Cover of the 2016 Aperture edition of Helen Gee's autobiography illustrated with a portrait by Arthur Lavine of Gee on her way to the opening of her gallery.

== Limelight: A Memoir ==
In 1997, Gee published her autobiography, itself titled Limelight: A Memoir, reissued in 2016 by Aperture with an introduction by Denise Bethel (formerly Chair of Photographs and Americas, Sotheby's New York). Covering mostly her creation and running of Limelight Gallery, the book provides contemporary insights—and gossip—about the society of Greenwich Village of the period, into the lives and personalities of a number of important photographers including Lisette Model and Robert Frank, notes the effect of McCarthyism on artists' output, and provides a balanced appraisal of Edward Steichen's The Family of Man which launched at the Museum of Modern Art the year following Limelight's opening, and increased attention to the medium.

== Later career ==
Gee married Columbia University professor, Kevin Sullivan, in 1959.

Having committed all her own funds to the gallery and still in debt, Gee sold and closed Limelight on January 31, 1961, after a show of the work of Julia Margaret Cameron. The new owners continued showing photographs for a short period and, failing to attract reviews, soon discontinued them and in turn sold up in less than a year.

Her marriage to Sullivan ended in divorce around this time, but Gee continued to reside and work in Greenwich Village as an independent art agent and as a dealer for both United States and international clients in prints, sculpture, and paintings, and specialising in erotic Japanese Shunga prints.

From May 3–31, 1969 she made a trip to Kyoto, Japan. In 1969 she sponsored a Vietnamese foster child, Nguyen Thi My Le through the Foster Parents Plan Inc., with whom she corresponded until 1972, the letters being translated by the organisation. She again visited Japan in 1975 as a guest of Tokyo Shimbun, a newspaper that sponsored the Yasuo Kuniyoshi exhibit, and she returned in 1986. She also visited China during April 5–26, 1976 touring with the US-China People's Friendship Association.

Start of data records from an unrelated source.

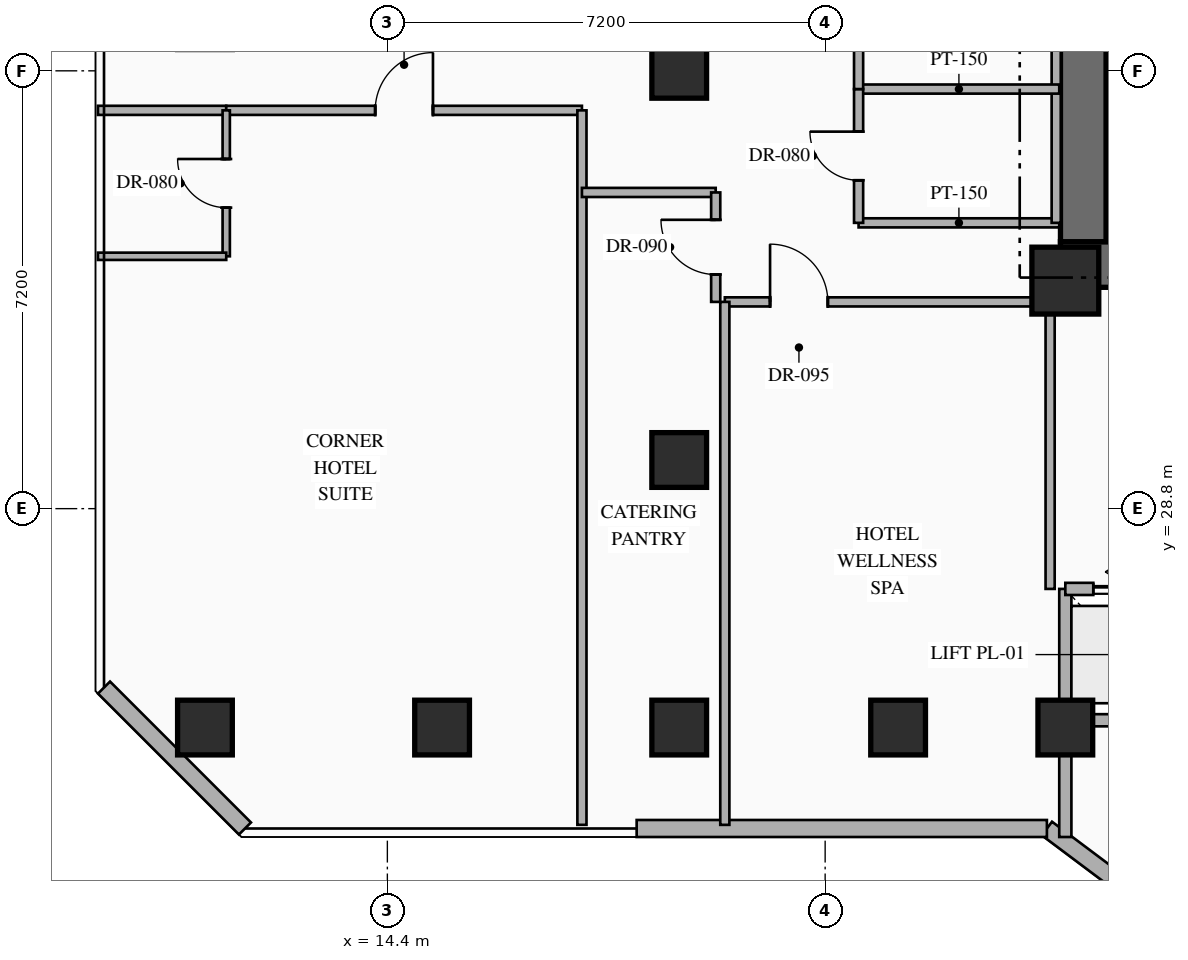
"""IFC4 building model, lengths in metres.
Left out: names, types, materials, properties, quantities, classifications, styles, units other than length and angle.
Written with IfcOpenShell. Run it as: python <this file> out.ifc"""

import sys

from ifc_helpers import new_model, si_unit, direction, frame, frame_2d, origin, origin_2d, place, context, subcontext, project, spatial, rectangle, hollow_rectangle, extrude, element, fill, save


model = new_model("IFC4")
c1 = context("Model", 3, precision=1e-05, world=origin(), true_north=direction((0.0, 1.0)))
c2 = subcontext(c1, "Body", "Model", "MODEL_VIEW")
j1 = project(units=[si_unit("LENGTHUNIT", "METRE"), si_unit("PLANEANGLEUNIT", "RADIAN")], contexts=[c1])
p1 = place(None, origin())
s1 = spatial("IfcSite", under=j1, at=p1, CompositionType="ELEMENT")
p2 = place(p1, origin())
s2 = spatial("IfcBuilding", under=s1, at=p2, CompositionType="ELEMENT")
p3 = place(p2, frame((0.0, 0.0, 74.6)))
s3 = spatial("IfcBuildingStorey", under=s2, at=p3, CompositionType="ELEMENT", Elevation=74.6)
p4 = place(p3, frame((25.47, 32.815, 0.0), z_axis=(0.0, 0.0, 1.0), x_axis=(1.0, 0.0, 0.0)))
e1 = element("IfcWall", 1, at=p4, inside=s3, PredefinedType="SHEAR", context=c2, shape_type="SweptSolid", body=[
    extrude(rectangle(XDim=8.08, YDim=0.75, at=frame_2d((4.04, 0.0))), origin(), (0.0, 0.0, 1.0), 3.35),
])
p5 = place(p4, frame((2.98, 0.0, 0.0)))
e2 = element("IfcOpeningElement", 2, at=p5, cuts=e1, PredefinedType="OPENING", context=c2, shape_type="SweptSolid", body=[
    extrude(rectangle(XDim=1.1, YDim=2.2, at=frame_2d((0.55, 1.1))), frame((0.0, 0.385, 0.0), z_axis=(0.0, -1.0, 0.0), x_axis=(1.0, 0.0, 0.0)), (0.0, 0.0, 1.0), 0.77),
])
p6 = place(p4, frame((5.73, 0.0, 0.0)))
e3 = element("IfcOpeningElement", 3, at=p6, cuts=e1, PredefinedType="OPENING", context=c2, shape_type="SweptSolid", body=[
    extrude(rectangle(XDim=1.1, YDim=2.15, at=frame_2d((0.55, 1.075))), frame((0.0, 0.385, 0.0), z_axis=(0.0, -1.0, 0.0), x_axis=(1.0, 0.0, 0.0)), (0.0, 0.0, 1.0), 0.77),
])
p7 = place(p3, frame((25.845, 33.19, 0.0), z_axis=(0.0, 0.0, 1.0), x_axis=(0.0, 1.0, 0.0)))
e4 = element("IfcWall", 4, at=p7, inside=s3, PredefinedType="SHEAR", context=c2, shape_type="SweptSolid", body=[
    extrude(rectangle(XDim=9.48, YDim=0.75, at=frame_2d((4.74, 0.0))), origin(), (0.0, 0.0, 1.0), 3.35),
])
p8 = place(p3, frame((25.55, 32.55, 0.0), z_axis=(0.0, 0.0, 1.0), x_axis=(1.0, 0.0, 0.0)))
e5 = element("IfcColumn", 5, at=p8, inside=s3, PredefinedType="COLUMN", context=c2, shape_type="SweptSolid", body=[
    extrude(rectangle(XDim=1.1, YDim=1.1, at=origin_2d()), origin(), (0.0, 0.0, 1.0), 3.35),
])
for number, where, z_axis, x_axis in (
    (6, (25.55, 25.2, 0.0), (0.0, 0.0, 1.0), (1.0, 0.0, 0.0)),
    (7, (11.4, 25.2, 0.0), (0.0, 0.0, 1.0), (1.0, 0.0, 0.0)),
    (8, (19.2, 25.2, 0.0), (0.0, 0.0, 1.0), (1.0, 0.0, 0.0)),
    (9, (19.2, 29.6, 0.0), (0.0, 0.0, 1.0), (1.0, 0.0, 0.0)),
    (10, (22.8, 25.2, 0.0), (0.0, 0.0, 1.0), (1.0, 0.0, 0.0)),
    (11, (19.2, 36.0, 0.0), (0.0, 0.0, 1.0), (1.0, 0.0, 0.0)),
    (12, (15.3, 25.2, 0.0), (0.0, 0.0, 1.0), (1.0, 0.0, 0.0)),
):
    element("IfcColumn", number, at=place(p3, frame(where, z_axis=z_axis, x_axis=x_axis)), inside=s3, PredefinedType="COLUMN", context=c2, shape_type="SweptSolid", body=[
        extrude(hollow_rectangle(XDim=0.9, YDim=0.9, WallThickness=0.036, at=origin_2d()), origin(), (0.0, 0.0, 1.0), 3.35),
    ])
p9 = place(p3, frame((53.318, 2.487, 0.0), z_axis=(0.0, 0.0, 1.0), x_axis=(-0.800004174678, 0.599994433723, 0.0)))
e13 = element("IfcWall", 13, at=p9, inside=s3, PredefinedType="STANDARD", context=c2, shape_type="SweptSolid", body=[
    extrude(rectangle(XDim=35.089, YDim=0.28, at=frame_2d((17.544, 0.0))), origin(), (0.0, 0.0, 1.0), 3.13),
])
p10 = place(p9, frame((1.931, 0.0, 0.85)))
e14 = element("IfcOpeningElement", 14, at=p10, cuts=e13, PredefinedType="OPENING", context=c2, shape_type="SweptSolid", body=[
    extrude(rectangle(XDim=1.4, YDim=1.8, at=frame_2d((0.7, 0.9))), frame((0.0, 0.15, 0.0), z_axis=(0.0, -1.0, 0.0), x_axis=(1.0, 0.0, 0.0)), (0.0, 0.0, 1.0), 0.3),
])
p11 = place(p9, frame((6.819, 0.0, 0.85)))
e15 = element("IfcOpeningElement", 15, at=p11, cuts=e13, PredefinedType="OPENING", context=c2, shape_type="SweptSolid", body=[
    extrude(rectangle(XDim=1.4, YDim=1.8, at=frame_2d((0.7, 0.9))), frame((0.0, 0.15, 0.0), z_axis=(0.0, -1.0, 0.0), x_axis=(1.0, 0.0, 0.0)), (0.0, 0.0, 1.0), 0.3),
])
p12 = place(p9, frame((11.832, 0.0, 0.85)))
e16 = element("IfcOpeningElement", 16, at=p12, cuts=e13, PredefinedType="OPENING", context=c2, shape_type="SweptSolid", body=[
    extrude(rectangle(XDim=1.4, YDim=1.8, at=frame_2d((0.7, 0.9))), frame((0.0, 0.15, 0.0), z_axis=(0.0, -1.0, 0.0), x_axis=(1.0, 0.0, 0.0)), (0.0, 0.0, 1.0), 0.3),
])
p13 = place(p9, frame((17.647, 0.0, 0.85)))
e17 = element("IfcOpeningElement", 17, at=p13, cuts=e13, PredefinedType="OPENING", context=c2, shape_type="SweptSolid", body=[
    extrude(rectangle(XDim=1.4, YDim=1.8, at=frame_2d((0.7, 0.9))), frame((0.0, 0.15, 0.0), z_axis=(0.0, -1.0, 0.0), x_axis=(1.0, 0.0, 0.0)), (0.0, 0.0, 1.0), 0.3),
])
p14 = place(p9, frame((21.857, 0.0, 0.85)))
e18 = element("IfcOpeningElement", 18, at=p14, cuts=e13, PredefinedType="OPENING", context=c2, shape_type="SweptSolid", body=[
    extrude(rectangle(XDim=1.4, YDim=1.8, at=frame_2d((0.7, 0.9))), frame((0.0, 0.15, 0.0), z_axis=(0.0, -1.0, 0.0), x_axis=(1.0, 0.0, 0.0)), (0.0, 0.0, 1.0), 0.3),
])
p15 = place(p9, frame((26.87, 0.0, 0.85)))
e19 = element("IfcOpeningElement", 19, at=p15, cuts=e13, PredefinedType="OPENING", context=c2, shape_type="SweptSolid", body=[
    extrude(rectangle(XDim=1.4, YDim=1.8, at=frame_2d((0.7, 0.9))), frame((0.0, 0.15, 0.0), z_axis=(0.0, -1.0, 0.0), x_axis=(1.0, 0.0, 0.0)), (0.0, 0.0, 1.0), 0.3),
])
p16 = place(p9, frame((31.757, 0.0, 0.85)))
e20 = element("IfcOpeningElement", 20, at=p16, cuts=e13, PredefinedType="OPENING", context=c2, shape_type="SweptSolid", body=[
    extrude(rectangle(XDim=1.4, YDim=1.8, at=frame_2d((0.7, 0.9))), frame((0.0, 0.15, 0.0), z_axis=(0.0, -1.0, 0.0), x_axis=(1.0, 0.0, 0.0)), (0.0, 0.0, 1.0), 0.3),
])
p17 = place(p3, frame((25.247, 23.54, 0.0), z_axis=(0.0, 0.0, 1.0), x_axis=(-1.0, 0.0, 0.0)))
e21 = element("IfcWall", 21, at=p17, inside=s3, PredefinedType="STANDARD", context=c2, shape_type="SweptSolid", body=[
    extrude(rectangle(XDim=6.747, YDim=0.28, at=frame_2d((3.374, 0.0))), origin(), (0.0, 0.0, 1.0), 3.13),
])
p18 = place(p3, frame((12.058, 23.54, 0.0), z_axis=(0.0, 0.0, 1.0), x_axis=(-0.707144017911, 0.707069542501, 0.0)))
e22 = element("IfcWall", 22, at=p18, inside=s3, PredefinedType="STANDARD", context=c2, shape_type="SweptSolid", body=[
    extrude(rectangle(XDim=3.278, YDim=0.28, at=frame_2d((1.639, 0.0))), origin(), (0.0, 0.0, 1.0), 3.13),
])
p19 = place(p3, frame((25.55, 23.4, 0.0), z_axis=(0.0, 0.0, 1.0), x_axis=(0.0, 1.0, 0.0)))
e23 = element("IfcWall", 23, at=p19, inside=s3, PredefinedType="STANDARD", context=c2, shape_type="SweptSolid", body=[
    extrude(rectangle(XDim=4.08, YDim=0.2, at=frame_2d((2.04, 0.0))), origin(), (0.0, 0.0, 1.0), 2.425),
])
p20 = place(p3, frame((25.55, 25.32, 0.0), z_axis=(0.0, 0.0, 1.0), x_axis=(1.0, 0.0, 0.0)))
e24 = element("IfcWall", 24, at=p20, inside=s3, PredefinedType="STANDARD", context=c2, shape_type="SweptSolid", body=[
    extrude(rectangle(XDim=7.88, YDim=0.2, at=frame_2d((3.94, 0.0))), origin(), (0.0, 0.0, 1.0), 2.525),
])
p21 = place(p3, frame((25.55, 27.48, 0.0), z_axis=(0.0, 0.0, 1.0), x_axis=(1.0, 0.0, 0.0)))
e25 = element("IfcWall", 25, at=p21, inside=s3, PredefinedType="STANDARD", context=c2, shape_type="SweptSolid", body=[
    extrude(rectangle(XDim=7.88, YDim=0.2, at=frame_2d((3.94, 0.0))), origin(), (0.0, 0.0, 1.0), 3.13),
])
p22 = place(p21, frame((0.46, 0.0, 0.0)))
e26 = element("IfcOpeningElement", 26, at=p22, cuts=e25, PredefinedType="OPENING", context=c2, shape_type="SweptSolid", body=[
    extrude(rectangle(XDim=1.08, YDim=2.15, at=frame_2d((0.54, 1.075))), frame((0.0, 0.11, 0.0), z_axis=(0.0, -1.0, 0.0), x_axis=(1.0, 0.0, 0.0)), (0.0, 0.0, 1.0), 0.22),
])
p23 = place(p21, frame((2.42, 0.0, 0.0)))
e27 = element("IfcOpeningElement", 27, at=p23, cuts=e25, PredefinedType="OPENING", context=c2, shape_type="SweptSolid", body=[
    extrude(rectangle(XDim=1.08, YDim=2.15, at=frame_2d((0.54, 1.075))), frame((0.0, 0.11, 0.0), z_axis=(0.0, -1.0, 0.0), x_axis=(1.0, 0.0, 0.0)), (0.0, 0.0, 1.0), 0.22),
])
p24 = place(p21, frame((4.38, 0.0, 0.0)))
e28 = element("IfcOpeningElement", 28, at=p24, cuts=e25, PredefinedType="OPENING", context=c2, shape_type="SweptSolid", body=[
    extrude(rectangle(XDim=1.08, YDim=2.15, at=frame_2d((0.54, 1.075))), frame((0.0, 0.11, 0.0), z_axis=(0.0, -1.0, 0.0), x_axis=(1.0, 0.0, 0.0)), (0.0, 0.0, 1.0), 0.22),
])
p25 = place(p21, frame((6.34, 0.0, 0.0)))
e29 = element("IfcOpeningElement", 29, at=p25, cuts=e25, PredefinedType="OPENING", context=c2, shape_type="SweptSolid", body=[
    extrude(rectangle(XDim=1.08, YDim=2.15, at=frame_2d((0.54, 1.075))), frame((0.0, 0.11, 0.0), z_axis=(0.0, -1.0, 0.0), x_axis=(1.0, 0.0, 0.0)), (0.0, 0.0, 1.0), 0.22),
])
p26 = place(p3, frame((22.15, 33.5, 0.0), z_axis=(0.0, 0.0, 1.0), x_axis=(1.0, 0.0, 0.0)))
e30 = element("IfcWall", 30, at=p26, inside=s3, PredefinedType="PARTITIONING", context=c2, shape_type="SweptSolid", body=[
    extrude(rectangle(XDim=3.3, YDim=0.15, at=frame_2d((1.65, 0.0))), origin(), (0.0, 0.0, 1.0), 3.13),
])
p27 = place(p3, frame((25.4, 33.5, 0.0), z_axis=(0.0, 0.0, 1.0), x_axis=(0.0, 1.0, 0.0)))
e31 = element("IfcWall", 31, at=p27, inside=s3, PredefinedType="PARTITIONING", context=c2, shape_type="SweptSolid", body=[
    extrude(rectangle(XDim=6.6, YDim=0.15, at=frame_2d((3.3, 0.0))), origin(), (0.0, 0.0, 1.0), 3.13),
])
p28 = place(p3, frame((22.15, 35.7, 0.0), z_axis=(0.0, 0.0, 1.0), x_axis=(1.0, 0.0, 0.0)))
e32 = element("IfcWall", 32, at=p28, inside=s3, PredefinedType="PARTITIONING", context=c2, shape_type="SweptSolid", body=[
    extrude(rectangle(XDim=3.3, YDim=0.15, at=frame_2d((1.65, 0.0))), origin(), (0.0, 0.0, 1.0), 3.13),
])
p29 = place(p3, frame((22.15, 33.5, 0.0), z_axis=(0.0, 0.0, 1.0), x_axis=(0.0, 1.0, 0.0)))
e33 = element("IfcWall", 33, at=p29, inside=s3, PredefinedType="PARTITIONING", context=c2, shape_type="SweptSolid", body=[
    extrude(rectangle(XDim=2.2, YDim=0.15, at=frame_2d((1.1, 0.0))), origin(), (0.0, 0.0, 1.0), 3.13),
])
p30 = place(p29, frame((0.7, 0.0, 0.0)))
e34 = element("IfcOpeningElement", 34, at=p30, cuts=e33, PredefinedType="OPENING", context=c2, shape_type="SweptSolid", body=[
    extrude(rectangle(XDim=0.8, YDim=2.06, at=frame_2d((0.4, 1.03))), frame((0.0, 0.085, 0.0), z_axis=(0.0, -1.0, 0.0), x_axis=(1.0, 0.0, 0.0)), (0.0, 0.0, 1.0), 0.17),
])
p31 = place(p3, frame((22.15, 35.7, 0.0), z_axis=(0.0, 0.0, 1.0), x_axis=(0.0, 1.0, 0.0)))
e35 = element("IfcWall", 35, at=p31, inside=s3, PredefinedType="PARTITIONING", context=c2, shape_type="SweptSolid", body=[
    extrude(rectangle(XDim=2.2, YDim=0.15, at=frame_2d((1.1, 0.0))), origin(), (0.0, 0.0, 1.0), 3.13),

In the late 1970s, Gee worked as a photography teacher and lecturer at Parsons School of Design, and as a curator and writer. In 1979 she curated Steiglitz and the Photo Secession, a reconstruction of the Photo-Secession exhibition held March 5–22, 1902 at the National Arts Club, New York, for the New Jersey State Museum and the touring Photography of the Fifties: An American Perspective, for which she wrote the catalogue essay, for the Center for Creative Photography.

In 1983, Gee was invited by Michael Spano, director of the Midtown Y Photography Gallery, onto its newly formed board of advisors made up of significant members of the photographic community, including Aaron Siskind, Arthur Leipzig, Larry Fink, and Jeffrey Hoone.

Helen Gee died of pneumonia on October 10, 2004, in Manhattan, New York, N.Y.

Gee's archive of her work and records pertaining to the Limelight Gallery are located at the Center for Creative Photography at the University of Arizona in Tucson, Arizona.

==Publications==
- Limelight: a Greenwich Village Photography Gallery and Coffeehouse in the Fifties: A Memoir. Albuquerque: University of New Mexico, 1997. ISBN 978-0826318176.
  - Limelight: a Greenwich Village Photography Gallery and Coffeehouse in the 1950s. New York: Aperture, 2016. ISBN 9781597113687 . With an introduction by Denise Bethel.
- Gee, H. (1991). 'Limelight: Remembering Gene Smith'. In American Art, 5(4), 10–19.
- Stourdzé, S., Gee, H., Coleman, A. D., & Levinstein, L. (2000). Leon Levinstein. Paris: Scheer.